# Me 262 ALMOST READY FOR FLIGHT.



## fubar57 (Sep 26, 2019)

Me 262 Unveiling by John Miller

Reactions: Like Like:
2 | Winner Winner:
1 | Like List reactions


----------



## Tieleader (Sep 26, 2019)

If I read this right its going to fly on Jumos with modern upgrades on the inside?


----------



## michael rauls (Sep 26, 2019)

Wow, that's gonna really be something to see that fly. Always love to see another old warbird brought back to life.

Reactions: Agree Agree:
1 | Like List reactions


----------



## jetcal1 (Sep 26, 2019)

Tieleader said:


> If I read this right its going to fly on Jumos with modern upgrades on the inside?


One can only imagine the costs, and I still wouldn't trust this engine.

Reactions: Agree Agree:
1 | Like List reactions


----------



## michael rauls (Sep 26, 2019)

jetcal1 said:


> One can only imagine the costs, and I still wouldn't trust this engine.


Agreed. I really think it's great they have restored it to flying condition but I'm not sure I'd want to be the one doing the flying.

Reactions: Agree Agree:
1 | Like List reactions


----------



## Capt. Vick (Sep 26, 2019)

I got a bad feelin' about this...

Reactions: Agree Agree:
1 | Like List reactions


----------



## DerAdlerIstGelandet (Sep 26, 2019)

It I read it correctly, they are basically new built Jumos. The parts being built with modern materials. It should not have the same issues.

Reactions: Agree Agree:
2 | Like List reactions


----------



## jetcal1 (Sep 27, 2019)

michael rauls said:


> Agreed. I really think it's great they have restored it to flying condition but I'm not sure I'd want to be the one doing the flying.





DerAdlerIstGelandet said:


> It I read it correctly, they are basically new built Jumos. The parts being built with modern materials. It should not have the same issues.

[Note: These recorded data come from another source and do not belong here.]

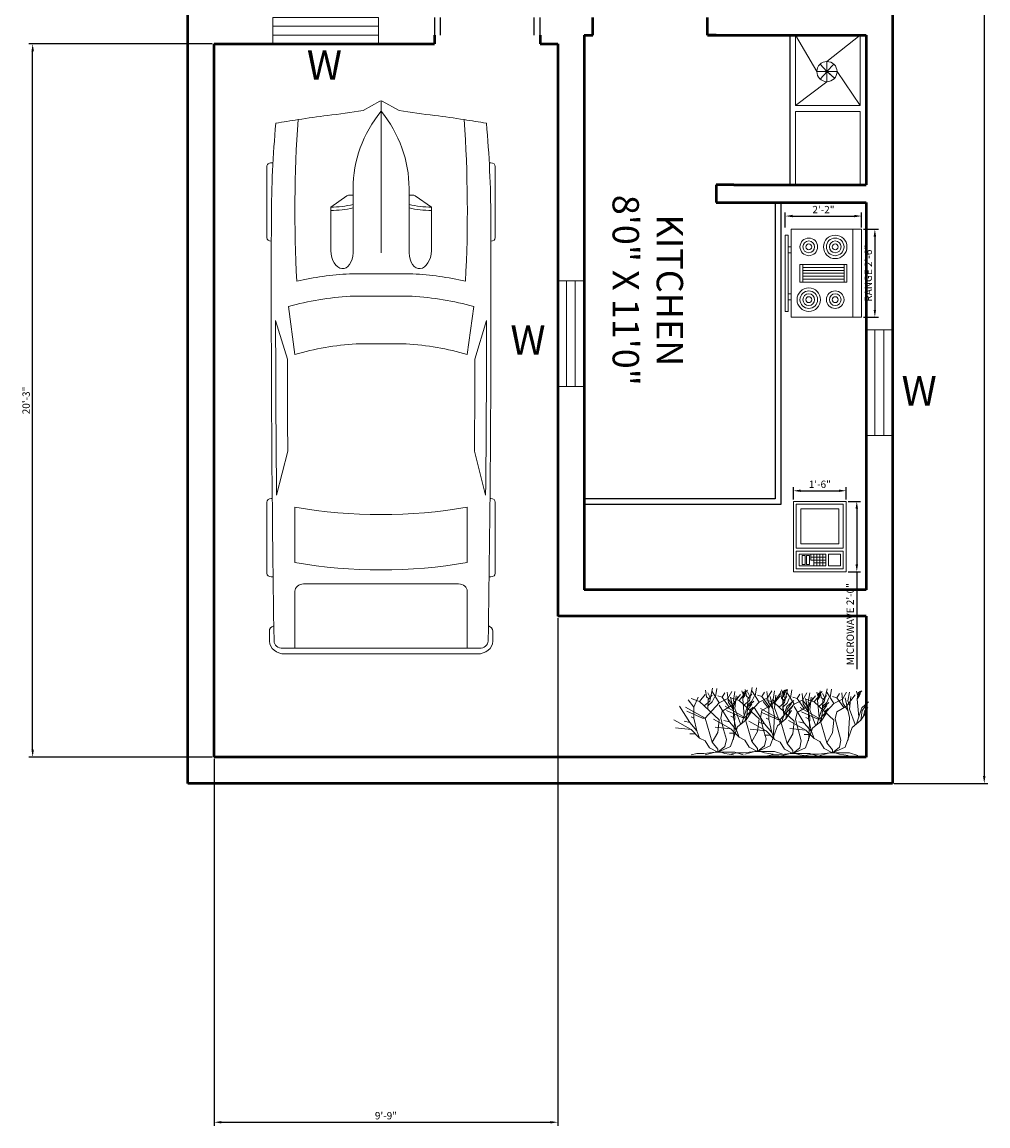
# Model space of a CAD drawing. Units: inches. Extents: x 995 to 2141, y 2161 to 2928.
# Tile 1 of 7: x 995 to 1323, y 2161 to 2537. Entities that reach past the tile are written whole.
import ezdxf

# ---------------------------------------------------------------- set-up
doc = ezdxf.new("R2010")
doc.units = ezdxf.units.IN
for name, color, linetype, lineweight in [('A-ANNO-DIMS', 2, 'Continuous', 18), ('A-ANNO-TEXT', 7, 'Continuous', 18), ('A-AREA-IDEN', 7, 'Continuous', 25), ('A-DOOR', 3, 'Continuous', 25), ('A-EQPM', 9, 'Continuous', 18), ('A-FLOR-CASE', 8, 'Continuous', 25), ('A-FLOR-FIXT', 9, 'Continuous', 18), ('A-GLAZ', 4, 'Continuous', 18), ('A-WALL', 7, 'Continuous', 50), ('C-PRKG-VEHI', 8, 'Continuous', 13), ('L-PLNT-TREE', 94, 'Continuous', 13)]:
    doc.layers.add(name, color=color, linetype=linetype, lineweight=lineweight)
doc.styles.get("Standard").update_dxf_attribs({"font": 'arial.ttf'})
doc.dimstyles.new('ISO-25', dxfattribs={"dimtxt": 2.5, "dimasz": 2.5, "dimexe": 1.25, "dimexo": 0.625, "dimtad": 1, "dimdec": 0, "dimlunit": 3, "dimtxsty": 'Standard', "dimcen": 2.5, "dimadec": 0, "dimazin": 0, "dimtfac": 1, "dimtdec": 0, "dimtmove": 0, "dimatfit": 3, "dimfxl": 1, "dimarcsym": 0})

# ---------------------------------------------------------------- blocks, each defined once
blk = doc.blocks.new('Range-Oven - 30 in top')
for p, q in [((0, -3), (30, -3)), ((12, -6), (18, -6)), ((13, -20), (13, -6)), ((14, -6), (14, -20)), ((15, -20), (15, -6)), ((16, -6), (16, -20)), ((17, -20), (17, -6)), ((18, -20), (12, -20)), ((6, -24), (6, -25)), ((8, -25), (8, -24)), ((22, -25), (22, -24)), ((24, -24), (24, -25))]:
    blk.add_line(p, q)
for points in [[(0, -24), (0, 0), (30, 0), (30, -24)], [(12, -21), (12, -5), (18, -5), (18, -21)], [(2, -26), (2, -25), (28, -25), (28, -26)]]:
    blk.add_lwpolyline(points, close=True)
for centre, radius in [((6, -9), 4), ((6, -9), 3), ((6, -9), 2), ((24, -9), 3), ((24, -9), 2), ((6, -9), 1), ((24, -9), 1), ((6, -18), 3), ((24, -18), 4), ((24, -18), 3), ((6, -18), 2), ((6, -18), 1), ((24, -18), 2), ((24, -18), 1)]:
    blk.add_circle(centre, radius)
blk = doc.blocks.new('Microwave')
for p, q in [((18, 10), (22, 10)), ((22, 9), (18, 9)), ((18, 8), (22, 8)), ((19, 7), (19, 11)), ((20, 11), (20, 7)), ((21, 7), (21, 11)), ((22, 7), (18, 7)), ((20, 6), (18, 6)), ((19, 6), (19, 7)), ((20, 7), (20, 6))]:
    blk.add_line(p, q)
for points in [[(0, 0), (0, 18), (24, 18), (24, 0)], [(1, 1), (1, 17), (16, 17), (16, 1)], [(2.5, 2.5), (2.5, 15.5), (14.5, 15.5), (14.5, 2.5)], [(17, 1), (17, 17), (23, 17), (23, 1)], [(18, 12), (18, 16), (22, 16), (22, 12)], [(18, 2), (18, 11), (22, 11), (22, 2)], [(18.5, 4.5), (18.5, 5.5), (21.5, 5.5), (21.5, 4.5)], [(18.5, 3), (18.5, 4), (21.5, 4), (21.5, 3)]]:
    blk.add_lwpolyline(points, close=True)
blk = doc.blocks.new('*U12')
for p, q in [((46.55, 38.89), (22.35, 38.89)), ((136.7, 38.89), (160.9, 38.89)), ((21.1, 37.41), (21.1, 36.83)), ((47.8, 37.39), (47.8, 37.41)), ((87.99, 31.87), (74.76, 35.92)), ((134.31, 35.6), (119.29, 31.78)), ((135.45, 37.07), (135.45, 37.41)), ((162.15, 37.41), (162.15, 36.77)), ((70.03, 31.54), (86.41, 29.35)), ((186.47, -33.5), (186.47, 33.5)), ((188.4, -32.76), (188.4, 32.76)), ((138.42, 29.35), (157.25, 29.35)), ((164.52, 26.39), (164.52, -26.39)), ((186.47, 29.35), (167.01, 29.35)), ((32.27, 11.63), (36.13, 17.17)), ((36.13, 17.17), (50.94, 17.17)), ((29.77, 9.51), (51.68, 9.51)), ((32.12, 9.51), (32.12, 11.15)), ((58.92, -10.77), (58.92, 10.77)), ((66.55, -10.53), (66.55, 10.53)), ((82.74, 8.5), (82.74, -8.5)), ((186.47, -10.53), (186.47, 10.53)), ((3.27, 6.13), (0.1, 0.41)), ((0, 0), (51.68, 0)), ((0.1, -0.41), (3.27, -6.13)), ((29.77, -9.51), (51.68, -9.51)), ((32.12, -9.51), (32.12, -11.15)), ((32.27, -11.63), (36.13, -17.17)), ((36.13, -17.17), (50.94, -17.17)), ((86.41, -29.35), (70.03, -31.54)), ((157.25, -29.35), (138.42, -29.35)), ((167.01, -29.35), (186.47, -29.35)), ((87.99, -31.87), (74.76, -35.92)), ((134.31, -35.6), (119.29, -31.78)), ((21.1, -37.41), (21.1, -36.83)), ((47.8, -37.39), (47.8, -37.41)), ((135.45, -37.07), (135.45, -37.41)), ((162.15, -37.41), (162.15, -36.77)), ((46.55, -38.89), (22.35, -38.89)), ((136.7, -38.89), (160.9, -38.89))]:
    blk.add_line(p, q)
for centre, major_axis, ratio, start_param, end_param in [((22.35, 37.41), (0, -1.48), 0.842304, 3.141593, 4.712389), ((46.55, 37.41), (0, 1.48), 0.842304, -1.570796, 0), ((136.7, 37.41), (0, -1.48), 0.842304, 3.141593, 4.712389), ((160.9, 37.41), (0, 1.48), 0.842304, -1.570796, 0), ((180.63, 35.84), (0, 2.22), 0.842304, -0.013017, 1.249894), ((64.48, -10556.36), (0, 10595.31), 0.842304, -0.013397, -0.013017), ((183.98, 32.76), (0, -5.25), 0.842304, 1.570796, 3.128196), ((266.03, -27.52), (0, 313.31), 0.842304, 1.367076, 1.39176), ((41.19, -490.86), (0, 528.23), 0.842304, 0.00281, 0.075598), ((64.48, -10555.62), (0, 10593.03), 0.842304, -0.013397, 0.002797), ((64.48, -10555.62), (0, -10591.55), 0.842304, 3.133765, 3.140441), ((183.98, 33.5), (0, -2.96), 0.842304, 1.570796, 3.128196), ((135.29, 5.39), (0, 81.77), 0.842304, 1.245306, 1.50788), ((95.79, -3666.35), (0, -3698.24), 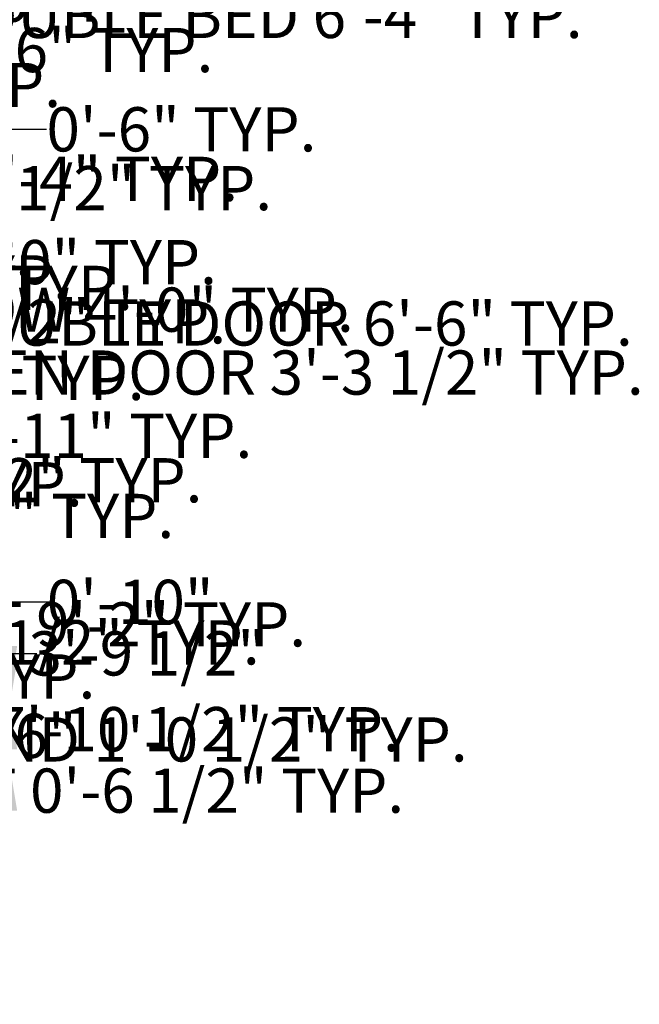
# Model space of a CAD drawing. Units: inches. Extents: x 7323 to 9737, y 2037 to 3322.
# Tile 16 of 19: x 9314 to 9737, y 2037 to 2709. Entities that reach past the tile are written whole.
import ezdxf

# ---------------------------------------------------------------- set-up
doc = ezdxf.new("R2010")
doc.units = ezdxf.units.IN
doc.header["$MEASUREMENT"] = 0
doc.layers.add('A-ANNO-DIMS', color=2, linetype='Continuous', lineweight=18)
doc.styles.get("Standard").update_dxf_attribs({"font": 'arial.ttf'})
doc.dimstyles.get("Standard").update_dxf_attribs({"dimtxt": 30.18, "dimasz": 30.18, "dimexe": 0.18, "dimexo": 0.0625, "dimgap": 0.09, "dimtad": 0, "dimtih": 1, "dimtoh": 1, "dimdec": 0, "dimzin": 0, "dimdsep": 46, "dimlunit": 3, "dimtxsty": 'Standard', "dimcen": 0.09, "dimadec": 0, "dimazin": 0, "dimtfac": 1, "dimtdec": 0, "dimtofl": 0, "dimtmove": 0, "dimatfit": 3, "dimfxl": 1, "dimtolj": 1, "dimtzin": 0, "dimarcsym": 0})

# ---------------------------------------------------------------- blocks, each defined once
blk = doc.blocks.new('*D35')
at = {"layer": 'A-ANNO-DIMS', "color": 0, "lineweight": -2, "transparency": 16777216}
for p, q in [((8977.7, 2688.2), (8947.52, 2688.2)), ((9007.88, 2687.36), (9007.88, 2688.38)), ((9013.95, 2687.36), (9013.95, 2688.38)), ((9044.13, 2688.2), (9074.31, 2688.2))]:
    blk.add_line(p, q, dxfattribs=at)
at = {"layer": 'A-ANNO-DIMS', "color": 0, "transparency": 16777216}
for points in [[(8977.7, 2693.23), (8977.7, 2683.17), (9007.88, 2688.2)], [(9044.13, 2693.23), (9044.13, 2683.17), (9013.95, 2688.2)]]:
    blk.add_solid(points, dxfattribs=at)
at = {"layer": 'Defpoints', "color": 0, "transparency": 16777216}
for p in [(9013.95, 2688.2), (9007.88, 2687.3), (9013.95, 2687.3)]:
    blk.add_point(p, dxfattribs=at)
at = {"layer": 'A-ANNO-DIMS', "color": 0, "transparency": 16777216, "insert": (9263.41, 2688.2), "char_height": 30.18, "attachment_point": 5}
blk.add_mtext('\\A1;COLUMN 0\'-6" TYP.', dxfattribs=at)
blk = doc.blocks.new('*D37')
at = {"layer": 'A-ANNO-DIMS', "color": 0, "lineweight": -2, "transparency": 16777216}
for p, q in [((9279.75, 2656.48), (9279.75, 2686.66)), ((9272.01, 2626.3), (9279.93, 2626.3)), ((9272.01, 2574.3), (9279.93, 2574.3)), ((9279.75, 2544.12), (9279.75, 2513.94))]:
    blk.add_line(p, q, dxfattribs=at)
at = {"layer": 'A-ANNO-DIMS', "color": 0, "transparency": 16777216}
for points in [[(9274.72, 2656.48), (9284.78, 2656.48), (9279.75, 2626.3)], [(9274.72, 2544.12), (9284.78, 2544.12), (9279.75, 2574.3)]]:
    blk.add_solid(points, dxfattribs=at)
at = {"layer": 'Defpoints', "color": 0, "transparency": 16777216}
for p in [(9271.95, 2626.3), (9271.95, 2574.3), (9279.75, 2574.3)]:
    blk.add_point(p, dxfattribs=at)
at = {"layer": 'A-ANNO-DIMS', "color": 0, "transparency": 16777216, "insert": (9279.75, 2600.3), "char_height": 30.18, "attachment_point": 5}
blk.add_mtext('\\A1;WINDOW 4\'-4" TYP.', dxfattribs=at)
blk = doc.blocks.new('*D38')
at = {"layer": 'A-ANNO-DIMS', "color": 0, "lineweight": -2, "transparency": 16777216}
for p, q in [((9235.77, 2634.1), (9205.59, 2634.1)), ((9265.95, 2626.36), (9265.95, 2634.28)), ((9271.95, 2626.36), (9271.95, 2634.28)), ((9302.13, 2634.1), (9332.31, 2634.1))]:
    blk.add_line(p, q, dxfattribs=at)
at = {"layer": 'A-ANNO-DIMS', "color": 0, "transparency": 16777216}
for points in [[(9235.77, 2639.13), (9235.77, 2629.07), (9265.95, 2634.1)], [(9302.13, 2639.13), (9302.13, 2629.07), (9271.95, 2634.1)]]:
    blk.add_solid(points, dxfattribs=at)
at = {"layer": 'Defpoints', "color": 0, "transparency": 16777216}
for p in [(9271.95, 2634.1), (9265.95, 2626.3), (9271.95, 2626.3)]:
    blk.add_point(p, dxfattribs=at)
at = {"layer": 'A-ANNO-DIMS', "color": 0, "transparency": 16777216, "insert": (9424.38, 2634.1), "char_height": 30.18, "attachment_point": 5}
blk.add_mtext('\\A1;0\'-6" TYP.', dxfattribs=at)
blk = doc.blocks.new('*D39')
at = {"layer": 'A-ANNO-DIMS', "color": 0, "lineweight": -2, "transparency": 16777216}
for p, q in [((8647.94, 2549.03), (8617.76, 2549.03)), ((8678.12, 2543.2), (8678.12, 2549.21)), ((8717.39, 2543.2), (8717.39, 2549.21)), ((8747.57, 2549.03), (8777.75, 2549.03))]:
    blk.add_line(p, q, dxfattribs=at)
at = {"layer": 'A-ANNO-DIMS', "color": 0, "transparency": 16777216}
for points in [[(8647.94, 2554.06), (8647.94, 2544), (8678.12, 2549.03)], [(8747.57, 2554.06), (8747.57, 2544), (8717.39, 2549.03)]]:
    blk.add_solid(points, dxfattribs=at)
at = {"layer": 'Defpoints', "color": 0, "transparency": 16777216}
for p in [(8717.39, 2549.03), (8678.12, 2543.14), (8717.39, 2543.14)]:
    blk.add_point(p, dxfattribs=at)
at = {"layer": 'A-ANNO-DIMS', "color": 0, "transparency": 16777216, "insert": (9057.19, 2549.03), "char_height": 30.18, "attachment_point": 5}
blk.add_mtext('\\A1;SINGLE DOOR 3\'-3 1/2" TYP.', dxfattribs=at)
blk = doc.blocks.new('*D43')
at = {"layer": 'A-ANNO-DIMS', "color": 0, "lineweight": -2, "transparency": 16777216}
for p, q in [((9108.94, 2438.75), (9108.94, 2468.93)), ((9104.01, 2408.57), (9109.12, 2408.57)), ((9104.01, 2375.3), (9109.12, 2375.3)), ((9108.94, 2345.12), (9108.94, 2314.94))]:
    blk.add_line(p, q, dxfattribs=at)
at = {"layer": 'A-ANNO-DIMS', "color": 0, "transparency": 16777216}
for points in [[(9103.91, 2438.75), (9113.97, 2438.75), (9108.94, 2408.57)], [(9103.91, 2345.12), (9113.97, 2345.12), (9108.94, 2375.3)]]:
    blk.add_solid(points, dxfattribs=at)
at = {"layer": 'Defpoints', "color": 0, "transparency": 16777216}
for p in [(9103.95, 2408.57), (9108.94, 2408.57), (9103.95, 2375.3)]:
    blk.add_point(p, dxfattribs=at)
at = {"layer": 'A-ANNO-DIMS', "color": 0, "transparency": 16777216, "insert": (9108.94, 2391.93), "char_height": 30.18, "attachment_point": 5}
blk.add_mtext('\\A1;BATH DOOR 2\'-9 1/2" TYP.', dxfattribs=at)
blk = doc.blocks.new('*D44')
at = {"layer": 'A-ANNO-DIMS', "color": 0, "lineweight": -2, "transparency": 16777216}
for p, q in [((9070.67, 2375.23), (9070.67, 2370.12)), ((9103.95, 2375.23), (9103.95, 2370.12)), ((9040.49, 2370.3), (9010.31, 2370.3)), ((9134.13, 2370.3), (9164.31, 2370.3))]:
    blk.add_line(p, q, dxfattribs=at)
at = {"layer": 'A-ANNO-DIMS', "color": 0, "transparency": 16777216}
for points in [[(9040.49, 2375.33), (9040.49, 2365.27), (9070.67, 2370.3)], [(9134.13, 2375.33), (9134.13, 2365.27), (9103.95, 2370.3)]]:
    blk.add_solid(points, dxfattribs=at)
at = {"layer": 'Defpoints', "color": 0, "transparency": 16777216}
for p in [(9070.67, 2375.3), (9103.95, 2375.3), (9103.95, 2370.3)]:
    blk.add_point(p, dxfattribs=at)
at = {"layer": 'A-ANNO-DIMS', "color": 0, "transparency": 16777216, "insert": (9291.8, 2370.3), "char_height": 30.18, "attachment_point": 5}
blk.add_mtext('\\A1;2\'-9 1/2" TYP.', dxfattribs=at)
blk = doc.blocks.new('*D45')
at = {"layer": 'A-ANNO-DIMS', "color": 0, "lineweight": -2, "transparency": 16777216}
for p, q in [((8725.79, 2664.36), (8695.61, 2664.36)), ((8755.97, 2662.02), (8755.97, 2664.54)), ((8772, 2662.02), (8772, 2664.54)), ((8802.18, 2664.36), (8832.36, 2664.36))]:
    blk.add_line(p, q, dxfattribs=at)
at = {"layer": 'A-ANNO-DIMS', "color": 0, "transparency": 16777216}
for points in [[(8725.79, 2669.39), (8725.79, 2659.33), (8755.97, 2664.36)], [(8802.18, 2669.39), (8802.18, 2659.33), (8772, 2664.36)]]:
    blk.add_solid(points, dxfattribs=at)
at = {"layer": 'Defpoints', "color": 0, "transparency": 16777216}
for p in [(8755.97, 2661.96), (8772, 2664.36), (8772, 2661.96)]:
    blk.add_point(p, dxfattribs=at)
at = {"layer": 'A-ANNO-DIMS', "color": 0, "transparency": 16777216, "insert": (9094.8, 2664.36), "char_height": 30.18, "attachment_point": 5}
blk.add_mtext('\\A1;BEDSIDE TABLE 1\'-4" TYP.', dxfattribs=at)
blk = doc.blocks.new('*D47')
at = {"layer": 'A-ANNO-DIMS', "color": 0, "lineweight": -2, "transparency": 16777216}
for p, q in [((8809.55, 2464.49), (8779.37, 2464.49)), ((8839.73, 2461.79), (8839.73, 2464.67)), ((8858.14, 2461.79), (8858.14, 2464.67)), ((8888.32, 2464.49), (8918.5, 2464.49))]:
    blk.add_line(p, q, dxfattribs=at)
at = {"layer": 'A-ANNO-DIMS', "color": 0, "transparency": 16777216}
for points in [[(8809.55, 2469.52), (8809.55, 2459.46), (8839.73, 2464.49)], [(8888.32, 2469.52), (8888.32, 2459.46), (8858.14, 2464.49)]]:
    blk.add_solid(points, dxfattribs=at)
at = {"layer": 'Defpoints', "color": 0, "transparency": 16777216}
for p in [(8839.73, 2461.73), (8858.14, 2464.49), (8858.14, 2461.73)]:
    blk.add_point(p, dxfattribs=at)
at = {"layer": 'A-ANNO-DIMS', "color": 0, "transparency": 16777216, "insert": (9164.9, 2464.49), "char_height": 30.18, "attachment_point": 5}
blk.add_mtext('\\A1;ARMCHAIR 1\'-6 1/2" TYP.', dxfattribs=at)
blk = doc.blocks.new('*D49')
at = {"layer": 'A-ANNO-DIMS', "color": 0, "lineweight": -2, "transparency": 16777216}
for p, q in [((8908.77, 2183.8), (8908.77, 2182.67)), ((8915.5, 2183.8), (8915.5, 2182.67)), ((8878.59, 2182.85), (8848.41, 2182.85)), ((8945.68, 2182.85), (8975.86, 2182.85))]:
    blk.add_line(p, q, dxfattribs=at)
at = {"layer": 'A-ANNO-DIMS', "color": 0, "transparency": 16777216}
for points in [[(8878.59, 2187.88), (8878.59, 2177.82), (8908.77, 2182.85)], [(8945.68, 2187.88), (8945.68, 2177.82), (8915.5, 2182.85)]]:
    blk.add_solid(points, dxfattribs=at)
at = {"layer": 'Defpoints', "color": 0, "transparency": 16777216}
for p in [(8908.77, 2183.86), (8915.5, 2183.86), (8915.5, 2182.85)]:
    blk.add_point(p, dxfattribs=at)
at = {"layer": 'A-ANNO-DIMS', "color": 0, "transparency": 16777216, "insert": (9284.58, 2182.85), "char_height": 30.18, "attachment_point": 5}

How are they controlling engine speed and EPR? The 'ole Onion didn't seem to work so well. I seem to recall it caused a few flameouts.


----------



## Gnomey (Sep 27, 2019)

Very cool!


----------



## DerAdlerIstGelandet (Sep 27, 2019)

jetcal1 said:


> How are they controlling engine speed and EPR? The 'ole Onion didn't seem to work so well. I seem to recall it caused a few flameouts.



I don’t know...


----------



## MIflyer (Sep 27, 2019)

When "Watson's Whizzers" captured the Me-262's they found that the Germans had destroyed all engine records, making it impossible to know just how far along each engine was to its typical 25 hour service life. That made flying the airplanes to a place where they could be put on a ship to go to the US rather dicey.

Reactions: Informative Informative:
2 | Like List reactions


----------



## nuuumannn (Nov 27, 2019)

jetcal1 said:


> How are they controlling engine speed and EPR? The 'ole Onion didn't seem to work so well. I seem to recall it caused a few flameouts.



Probably the same way as the original jet, I'd imagine. The Zwiebel was unreliable in that it used to break from its mounting, then plug the orifice, leading to a flameout. Presumably this is well taken care of in the modern jet - you'd think/hope so. There are other concessions to modernity, such as its main wheel brakes and I noticed the Riedel is electrically started; dunno what might have been incorporated into the engine management system, if anything.


----------



## jetcal1 (Nov 28, 2019)

nuuumannn said:


> Probably the same way as the original jet, I'd imagine. The Zwiebel was unreliable in that it used to break from its mounting, then plug the orifice, leading to a flameout. Presumably this is well taken care of in the modern jet - you'd think/hope so. There are other concessions to modernity, such as its main wheel brakes and I noticed the Riedel is electrically started; dunno what might have been incorporated into the engine management system, if anything.


I appreciate the nod to authenticity. A CJ610 would still have been wiser.


----------